My whole point was: "you can't trust VRAM readouts from drivers or software, as they are not representative of actual VRAM usage" - as a counter to your "I've seen games come close to 7GB, so 8GB is going to be too little soon" argument. The point of my argument isn't specifically whether or not 8GB is sufficient or not, but more broadly that you need to look at actual performance data and not VRAM usage. Your initial statement was made on a deeply flawed basis - much more flawed than the absence of .1% data in TPU's reviews.
To make this extra clear: Your argument that I responded to was "I'm seeing >7GB, so we might soon be hitting 8GB and be bottlenecked." My response was "here's an example of a game that shows
9GB of VRAM usage, yet is only clearly bottlenecked on
6GB or lower."
As for whether the lower amount of VRAM will bring your from "a playable near 30" to something lower: at that point you need to
lower your damn settings. Seriously. This is at Ultra. Playing at Ultra is always dumb and wasteful, even on a flagship GPU. And yes, lowering texture quality is often a lot more noticeable than other settings with a similar performance gain. But when you're at the "can I hit 30 or not" point in performance, well, either you're playing a game where smoothness doesn't matter, or you'll have a better play experience lowering your settings.
As I apparently have to repeat myself:
This could of course be interpreted as 8GB of VRAM becoming too little in the near future, but, a) we don't know where in the 6-8GB range that usage sits; b) there are technologies incoming that will alleviate this; c) this is only at 2160p, which these GPUs can barely handle at these settings levels even today.
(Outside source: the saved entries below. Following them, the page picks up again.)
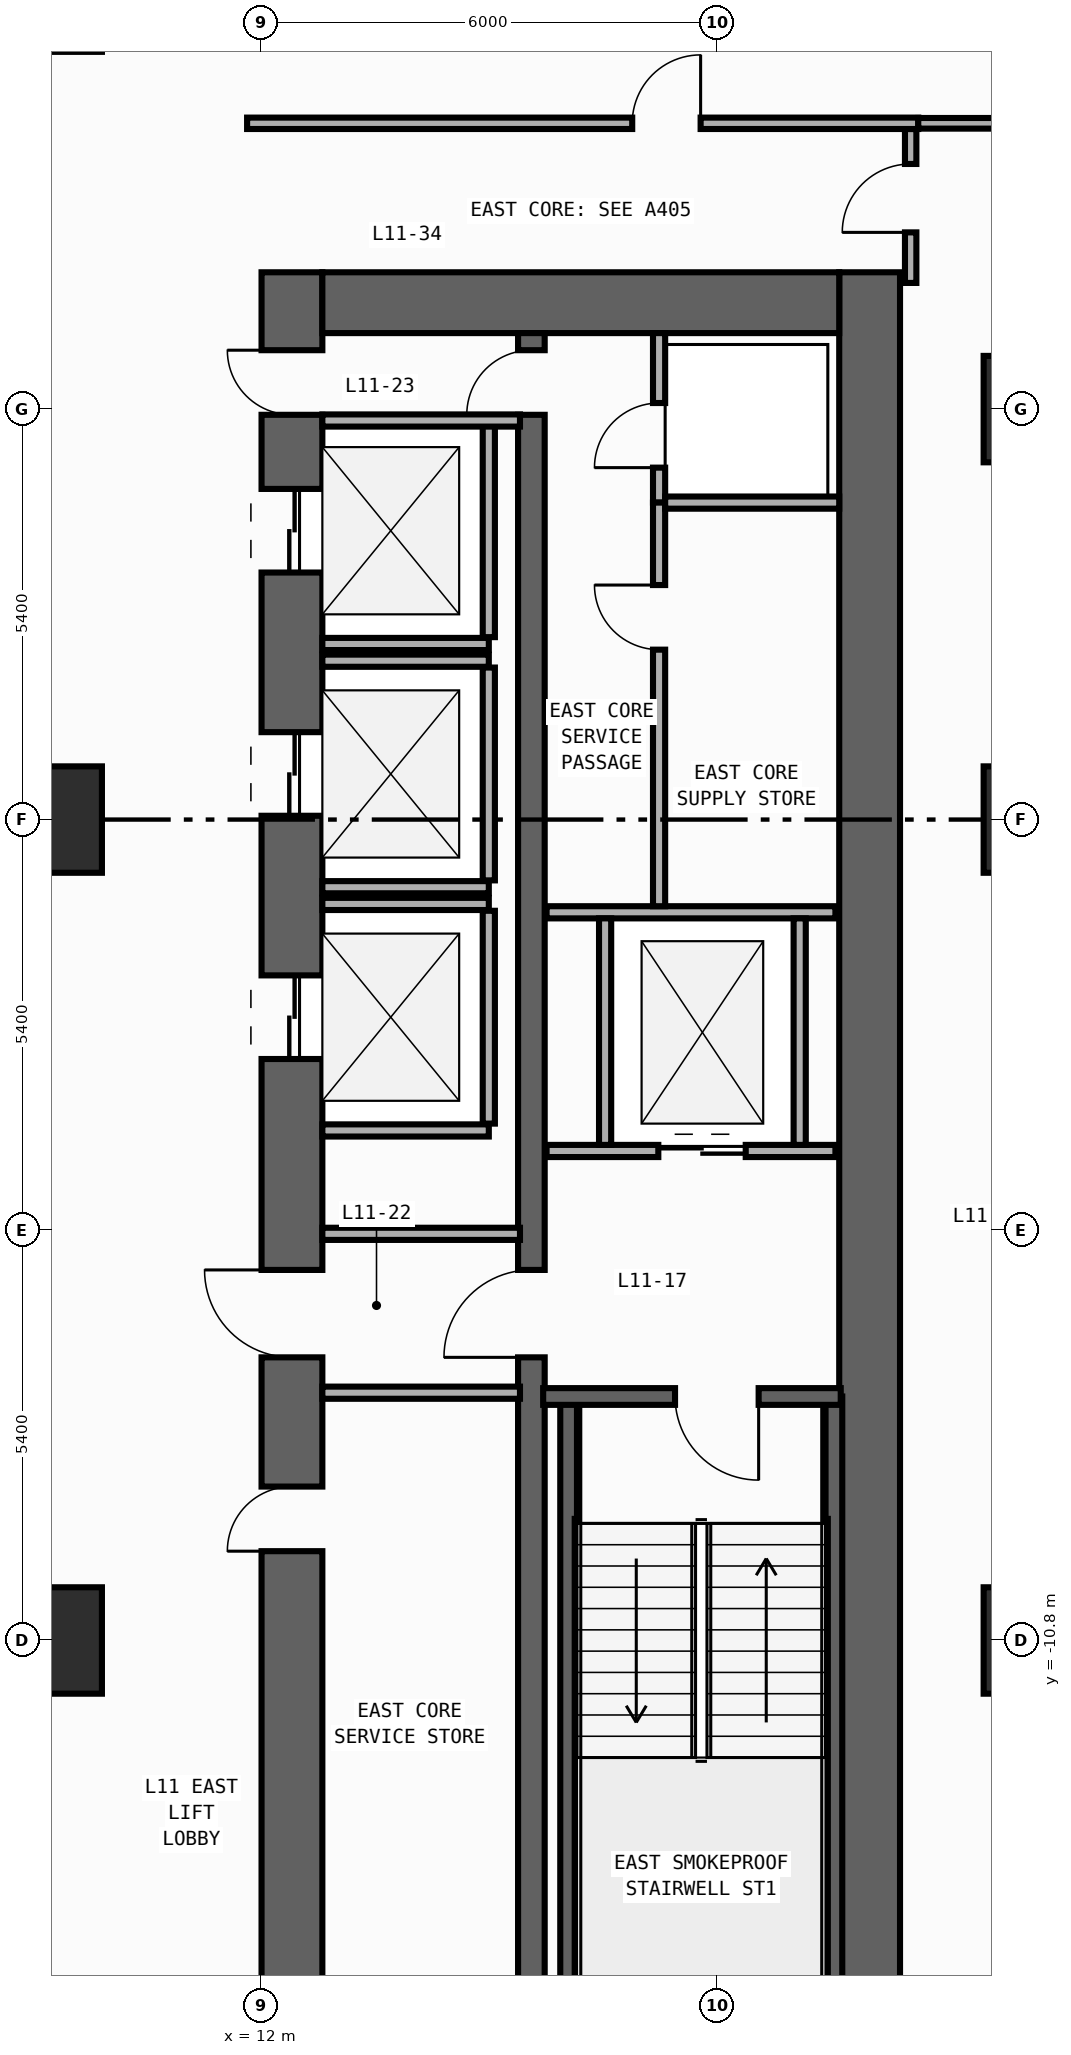
"""IFC4 building model, lengths in metres.
Left out: names, types, materials, properties, quantities, classifications, styles, units other than length and angle.
Written with IfcOpenShell. Run it as: python <this file> out.ifc"""

import sys

from ifc_helpers import new_model, si_unit, direction, frame, frame_2d, origin, origin_2d, place, context, subcontext, project, spatial, rectangle, extrude, element, fill, save


model = new_model("IFC4")
c1 = context("Model", 3, precision=1e-05, world=origin(), true_north=direction((0.0, 1.0)))
c2 = subcontext(c1, "Body", "Model", "MODEL_VIEW")
j1 = project(units=[si_unit("LENGTHUNIT", "METRE"), si_unit("PLANEANGLEUNIT", "RADIAN")], contexts=[c1])
p1 = place(None, origin())
s1 = spatial("IfcSite", under=j1, at=p1, CompositionType="ELEMENT")
p2 = place(p1, origin())
s2 = spatial("IfcBuilding", under=s1, at=p2, CompositionType="ELEMENT")
p3 = place(p2, frame((0.0, 0.0, 47.0)))
s3 = spatial("IfcBuildingStorey", under=s2, at=p3, CompositionType="ELEMENT", Elevation=47.0)
p4 = place(p3, frame((12.4, -19.8, 0.0), z_axis=(0.0, 0.0, 1.0), x_axis=(0.0, 1.0, 0.0)))
e1 = element("IfcWall", 1, at=p4, inside=s3, PredefinedType="SHEAR", context=c2, shape_type="SweptSolid", body=[
    extrude(rectangle(XDim=27.0, YDim=0.8, at=frame_2d((13.5, 0.0))), origin(), (0.0, 0.0, 1.0), 3.94),
])
p5 = place(p4, frame((23.05, 0.0, 0.0)))
e2 = element("IfcOpeningElement", 2, at=p5, cuts=e1, PredefinedType="OPENING", context=c2, shape_type="SweptSolid", body=[
    extrude(rectangle(XDim=1.1, YDim=2.2, at=frame_2d((0.55, 1.1))), frame((0.0, 0.41, 0.0), z_axis=(0.0, -1.0, 0.0), x_axis=(1.0, 0.0, 0.0)), (0.0, 0.0, 1.0), 0.82),
])
p6 = place(p4, frame((19.85, 0.0, 0.0)))
e3 = element("IfcOpeningElement", 3, at=p6, cuts=e1, PredefinedType="OPENING", context=c2, shape_type="SweptSolid", body=[
    extrude(rectangle(XDim=1.1, YDim=2.2, at=frame_2d((0.55, 1.1))), frame((0.0, 0.41, 0.0), z_axis=(0.0, -1.0, 0.0), x_axis=(1.0, 0.0, 0.0)), (0.0, 0.0, 1.0), 0.82),
])
p7 = place(p4, frame((16.65, 0.0, 0.0)))
e4 = element("IfcOpeningElement", 4, at=p7, cuts=e1, PredefinedType="OPENING", context=c2, shape_type="SweptSolid", body=[
    extrude(rectangle(XDim=1.1, YDim=2.2, at=frame_2d((0.55, 1.1))), frame((0.0, 0.41, 0.0), z_axis=(0.0, -1.0, 0.0), x_axis=(1.0, 0.0, 0.0)), (0.0, 0.0, 1.0), 0.82),
])
p8 = place(p4, frame((10.175, 0.0, 0.0)))
e5 = element("IfcOpeningElement", 5, at=p8, cuts=e1, PredefinedType="OPENING", context=c2, shape_type="SweptSolid", body=[
    extrude(rectangle(XDim=0.85, YDim=2.1, at=frame_2d((0.425, 1.05))), frame((0.0, 0.41, 0.0), z_axis=(0.0, -1.0, 0.0), x_axis=(1.0, 0.0, 0.0)), (0.0, 0.0, 1.0), 0.82),
])
p9 = place(p4, frame((12.725, 0.0, 0.0)))
e6 = element("IfcOpeningElement", 6, at=p9, cuts=e1, PredefinedType="OPENING", context=c2, shape_type="SweptSolid", body=[
    extrude(rectangle(XDim=1.15, YDim=2.2, at=frame_2d((0.575, 1.1))), frame((0.0, 0.41, 0.0), z_axis=(0.0, -1.0, 0.0), x_axis=(1.0, 0.0, 0.0)), (0.0, 0.0, 1.0), 0.82),
])
p10 = place(p4, frame((25.125, 0.0, 0.0)))
e7 = element("IfcOpeningElement", 7, at=p10, cuts=e1, PredefinedType="OPENING", context=c2, shape_type="SweptSolid", body=[
    extrude(rectangle(XDim=0.85, YDim=2.1, at=frame_2d((0.425, 1.05))), frame((0.0, 0.41, 0.0), z_axis=(0.0, -1.0, 0.0), x_axis=(1.0, 0.0, 0.0)), (0.0, 0.0, 1.0), 0.82),
])
p11 = place(p3, frame((20.0, -19.8, 0.0), z_axis=(0.0, 0.0, 1.0), x_axis=(0.0, 1.0, 0.0)))
e8 = element("IfcWall", 8, at=p11, inside=s3, PredefinedType="SHEAR", context=c2, shape_type="SweptSolid", body=[
    extrude(rectangle(XDim=27.0, YDim=0.8, at=frame_2d((13.5, 0.0))), origin(), (0.0, 0.0, 1.0), 3.94),
])
p12 = place(p3, frame((12.8, 6.8, 0.0), z_axis=(0.0, 0.0, 1.0), x_axis=(1.0, 0.0, 0.0)))
e9 = element("IfcWall", 9, at=p12, inside=s3, PredefinedType="SHEAR", context=c2, shape_type="SweptSolid", body=[
    extrude(rectangle(XDim=6.8, YDim=0.8, at=frame_2d((3.4, 0.0))), origin(), (0.0, 0.0, 1.0), 3.94),
])
p13 = place(p3, frame((15.55, -19.0, 0.0), z_axis=(0.0, 0.0, 1.0), x_axis=(0.0, 1.0, 0.0)))
e10 = element("IfcWall", 10, at=p13, inside=s3, PredefinedType="SHEAR", context=c2, shape_type="SweptSolid", body=[
    extrude(rectangle(XDim=25.4, YDim=0.35, at=frame_2d((12.7, 0.0))), origin(), (0.0, 0.0, 1.0), 3.94),
])
p14 = place(p13, frame((11.925, 0.0, 0.0)))
e11 = element("IfcOpeningElement", 11, at=p14, cuts=e10, PredefinedType="OPENING", context=c2, shape_type="SweptSolid", body=[
    extrude(rectangle(XDim=1.15, YDim=2.2, at=frame_2d((0.575, 1.1))), frame((0.0, 0.185, 0.0), z_axis=(0.0, -1.0, 0.0), x_axis=(1.0, 0.0, 0.0)), (0.0, 0.0, 1.0), 0.37),
])
p15 = place(p13, frame((24.325, 0.0, 0.0)))
e12 = element("IfcOpeningElement", 12, at=p15, cuts=e10, PredefinedType="OPENING", context=c2, shape_type="SweptSolid", body=[
    extrude(rectangle(XDim=0.85, YDim=2.1, at=frame_2d((0.425, 1.05))), frame((0.0, 0.185, 0.0), z_axis=(0.0, -1.0, 0.0), x_axis=(1.0, 0.0, 0.0)), (0.0, 0.0, 1.0), 0.37),
])
for number, where, z_axis, x_axis in (
    (13, (16.04, -18.89, 0.0), (0.0, 0.0, 1.0), (0.0, 1.0, 0.0)),
    (14, (19.53, -18.89, 0.0), (0.0, 0.0, 1.0), (0.0, 1.0, 0.0)),
):
    element("IfcWall", number, at=place(p3, frame(where, z_axis=z_axis, x_axis=x_axis)), inside=s3, PredefinedType="SHEAR", context=c2, shape_type="SweptSolid", body=[
        extrude(rectangle(XDim=11.3, YDim=0.22, at=frame_2d((5.65, 0.0))), origin(), (0.0, 0.0, 1.0), 3.94),
    ])
p16 = place(p3, frame((19.62, -7.59, 0.0), z_axis=(0.0, 0.0, 1.0), x_axis=(-1.0, 0.0, 0.0)))
e15 = element("IfcWall", 15, at=p16, inside=s3, PredefinedType="SHEAR", context=c2, shape_type="SweptSolid", body=[
    extrude(rectangle(XDim=3.915, YDim=0.22, at=frame_2d((1.958, 0.0))), origin(), (0.0, 0.0, 1.0), 3.94),
])
p17 = place(p16, frame((1.08, 0.0, 0.0)))
e16 = element("IfcOpeningElement", 16, at=p17, cuts=e15, PredefinedType="OPENING", context=c2, shape_type="SweptSolid", body=[
    extrude(rectangle(XDim=1.1, YDim=2.2, at=frame_2d((0.55, 1.1))), frame((0.0, 0.12, 0.0), z_axis=(0.0, -1.0, 0.0), x_axis=(1.0, 0.0, 0.0)), (0.0, 0.0, 1.0), 0.24),
])
for number, where, z_axis, x_axis in (
    (17, (9.2, -10.8, 0.0), (0.0, 0.0, 1.0), (1.0, 0.0, 0.0)),
    (18, (9.2, 0.0, 0.0), (0.0, 0.0, 1.0), (1.0, 0.0, 0.0)),
    (19, (22.2, -10.8, 0.0), (0.0, 0.0, 1.0), (1.0, 0.0, 0.0)),
    (20, (22.2, 0.0, 0.0), (0.0, 0.0, 1.0), (1.0, 0.0, 0.0)),
    (21, (22.2, 5.4, 0.0), (0.0, 0.0, 1.0), (1.0, 0.0, 0.0)),
):
    element("IfcColumn", number, at=place(p3, frame(where, z_axis=z_axis, x_axis=x_axis)), inside=s3, PredefinedType="COLUMN", context=c2, shape_type="SweptSolid", body=[
        extrude(rectangle(XDim=1.4, YDim=1.4, at=origin_2d()), origin(), (0.0, 0.0, 1.0), 4.2),
    ])
p18 = place(p3, frame((12.8, 2.31, 0.0), z_axis=(0.0, 0.0, 1.0), x_axis=(1.0, 0.0, 0.0)))
e22 = element("IfcWall", 22, at=p18, inside=s3, PredefinedType="STANDARD", context=c2, shape_type="SweptSolid", body=[
    extrude(rectangle(XDim=2.19, YDim=0.16, at=frame_2d((1.095, 0.0))), origin(), (0.0, 0.0, 1.0), 3.94),
])
p19 = place(p3, frame((14.99, 2.4, 0.0), z_axis=(0.0, 0.0, 1.0), x_axis=(0.0, 1.0, 0.0)))
e23 = element("IfcWall", 23, at=p19, inside=s3, PredefinedType="STANDARD", context=c2, shape_type="SweptSolid", body=[
    extrude(rectangle(XDim=2.8, YDim=0.16, at=frame_2d((1.4, 0.0))), origin(), (0.0, 0.0, 1.0), 3.94),
])
for number, where, z_axis, x_axis in (
    (24, (12.8, -0.89, 0.0), (0.0, 0.0, 1.0), (1.0, 0.0, 0.0)),
    (25, (12.8, 2.09, 0.0), (0.0, 0.0, 1.0), (1.0, 0.0, 0.0)),
):
    element("IfcWall", number, at=place(p3, frame(where, z_axis=z_axis, x_axis=x_axis)), inside=s3, PredefinedType="STANDARD", context=c2, shape_type="SweptSolid", body=[
        extrude(rectangle(XDim=2.19, YDim=0.16, at=frame_2d((1.095, 0.0))), origin(), (0.0, 0.0, 1.0), 3.94),
    ])
p20 = place(p3, frame((14.99, -0.8, 0.0), z_axis=(0.0, 0.0, 1.0), x_axis=(0.0, 1.0, 0.0)))
e26 = element("IfcWall", 26, at=p20, inside=s3, PredefinedType="STANDARD", context=c2, shape_type="SweptSolid", body=[
    extrude(rectangle(XDim=2.8, YDim=0.16, at=frame_2d((1.4, 0.0))), origin(), (0.0, 0.0, 1.0), 3.94),
])
for number, where, z_axis, x_axis in (
    (27, (12.8, -4.09, 0.0), (0.0, 0.0, 1.0), (1.0, 0.0, 0.0)),
    (28, (12.8, -1.11, 0.0), (0.0, 0.0, 1.0), (1.0, 0.0, 0.0)),
):
    element("IfcWall", number, at=place(p3, frame(where, z_axis=z_axis, x_axis=x_axis)), inside=s3, PredefinedType="STANDARD", context=c2, shape_type="SweptSolid", body=[
        extrude(rectangle(XDim=2.19, YDim=0.16, at=frame_2d((1.095, 0.0))), origin(), (0.0, 0.0, 1.0), 3.94),
    ])
p21 = place(p3, frame((14.99, -4.0, 0.0), z_axis=(0.0, 0.0, 1.0), x_axis=(0.0, 1.0, 0.0)))
e29 = element("IfcWall", 29, at=p21, inside=s3, PredefinedType="STANDARD", context=c2, shape_type="SweptSolid", body=[
    extrude(rectangle(XDim=2.8, YDim=0.16, at=frame_2d((1.4, 0.0))), origin(), (0.0, 0.0, 1.0), 3.94),
])
p22 = place(p3, frame((15.75, -4.36, 0.0), z_axis=(0.0, 0.0, 1.0), x_axis=(1.0, 0.0, 0.0)))
e30 = element("IfcWall", 30, at=p22, inside=s3, PredefinedType="STANDARD", context=c2, shape_type="SweptSolid", body=[
    extrude(rectangle(XDim=3.8, YDim=0.16, at=frame_2d((1.9, 0.0))), origin(), (0.0, 0.0, 1.0), 3.94),
])
p23 = place(p22, frame((1.47, 0.0, 0.0)))
e31 = element("IfcOpeningElement", 31, at=p23, cuts=e30, PredefinedType="OPENING", context=c2, shape_type="SweptSolid", body=[
    extrude(rectangle(XDim=1.15, YDim=2.2, at=frame_2d((0.575, 1.1))), frame((0.0, 0.09, 0.0), z_axis=(0.0, -1.0, 0.0), x_axis=(1.0, 0.0, 0.0)), (0.0, 0.0, 1.0), 0.18),
])
p24 = place(p3, frame((15.75, -1.22, 0.0), z_axis=(0.0, 0.0, 1.0), x_axis=(1.0, 0.0, 0.0)))
e32 = element("IfcWall", 32, at=p24, inside=s3, PredefinedType="STANDARD", context=c2, shape_type="SweptSolid", body=[
    extrude(rectangle(XDim=3.8, YDim=0.16, at=frame_2d((1.9, 0.0))), origin(), (0.0, 0.0, 1.0), 3.94),
])
for number, where, z_axis, x_axis in (
    (33, (16.52, -4.28, 0.0), (0.0, 0.0, 1.0), (0.0, 1.0, 0.0)),
    (34, (19.08, -4.28, 0.0), (0.0, 0.0, 1.0), (0.0, 1.0, 0.0)),
):
    element("IfcWall", number, at=place(p3, frame(where, z_axis=z_axis, x_axis=x_axis)), inside=s3, PredefinedType="STANDARD", context=c2, shape_type="SweptSolid", body=[
        extrude(rectangle(XDim=2.98, YDim=0.16, at=frame_2d((1.49, 0.0))), origin(), (0.0, 0.0, 1.0), 3.94),
    ])
for number, where, z_axis, x_axis in (
    (35, (12.8, -5.45, 0.0), (0.0, 0.0, 1.0), (1.0, 0.0, 0.0)),
    (36, (12.8, -7.54, 0.0), (0.0, 0.0, 1.0), (1.0, 0.0, 0.0)),
    (37, (12.8, 5.25, 0.0), (0.0, 0.0, 1.0), (1.0, 0.0, 0.0)),
):
    element("IfcWall", number, at=place(p3, frame(where, z_axis=z_axis, x_axis=x_axis)), inside=s3, PredefinedType="STANDARD", context=c2, shape_type="SweptSolid", body=[
        extrude(rectangle(XDim=2.6, YDim=0.16, at=frame_2d((1.3, 0.0))), origin(), (0.0, 0.0, 1.0), 3.94),
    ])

Thus, it's far more likely for compute to be a bottleneck in the future than VRAM, outside of a handful of poorly balanced SKUs - and there is no indication of the 3060 Ti being one of those.
I mean ... this should be pretty clear. The important thing is a GPU with a good balance of compute and VRAM. In current games, and as VRAM usage has developed in the past years, 8GB is unlikely to be a significant bottleneck for anything but the most powerful GPUs at resolutions they are actually capable of rendering at half-decent framerates. If you're buying a 3060 Ti to play at 2160p Ultra, then either you are making some particularly poor choices or you are well aware that this will not result in a smooth experience (which, depending on the game, can be perfectly fine). If you are buying a 3060 Ti, have a 2160p monitor, and refuse to lower your resolution or settings? Then you are letting stubbornness get in the way of enjoying your games, and the bottleneck is your attitude, not the GPU. Either way, even the 3070 Ti (with its 26% additional compute resources) will most likely do just fine with its 8GB for the vast majority of titles at the settings it can otherwise handle. That card has a higher chance of being bottlenecked by VRAM in some titles, and no doubt will, but enough for it to
really matter? Not likely. And certainly not to a degree that can't be overcome by adjusting a few settings.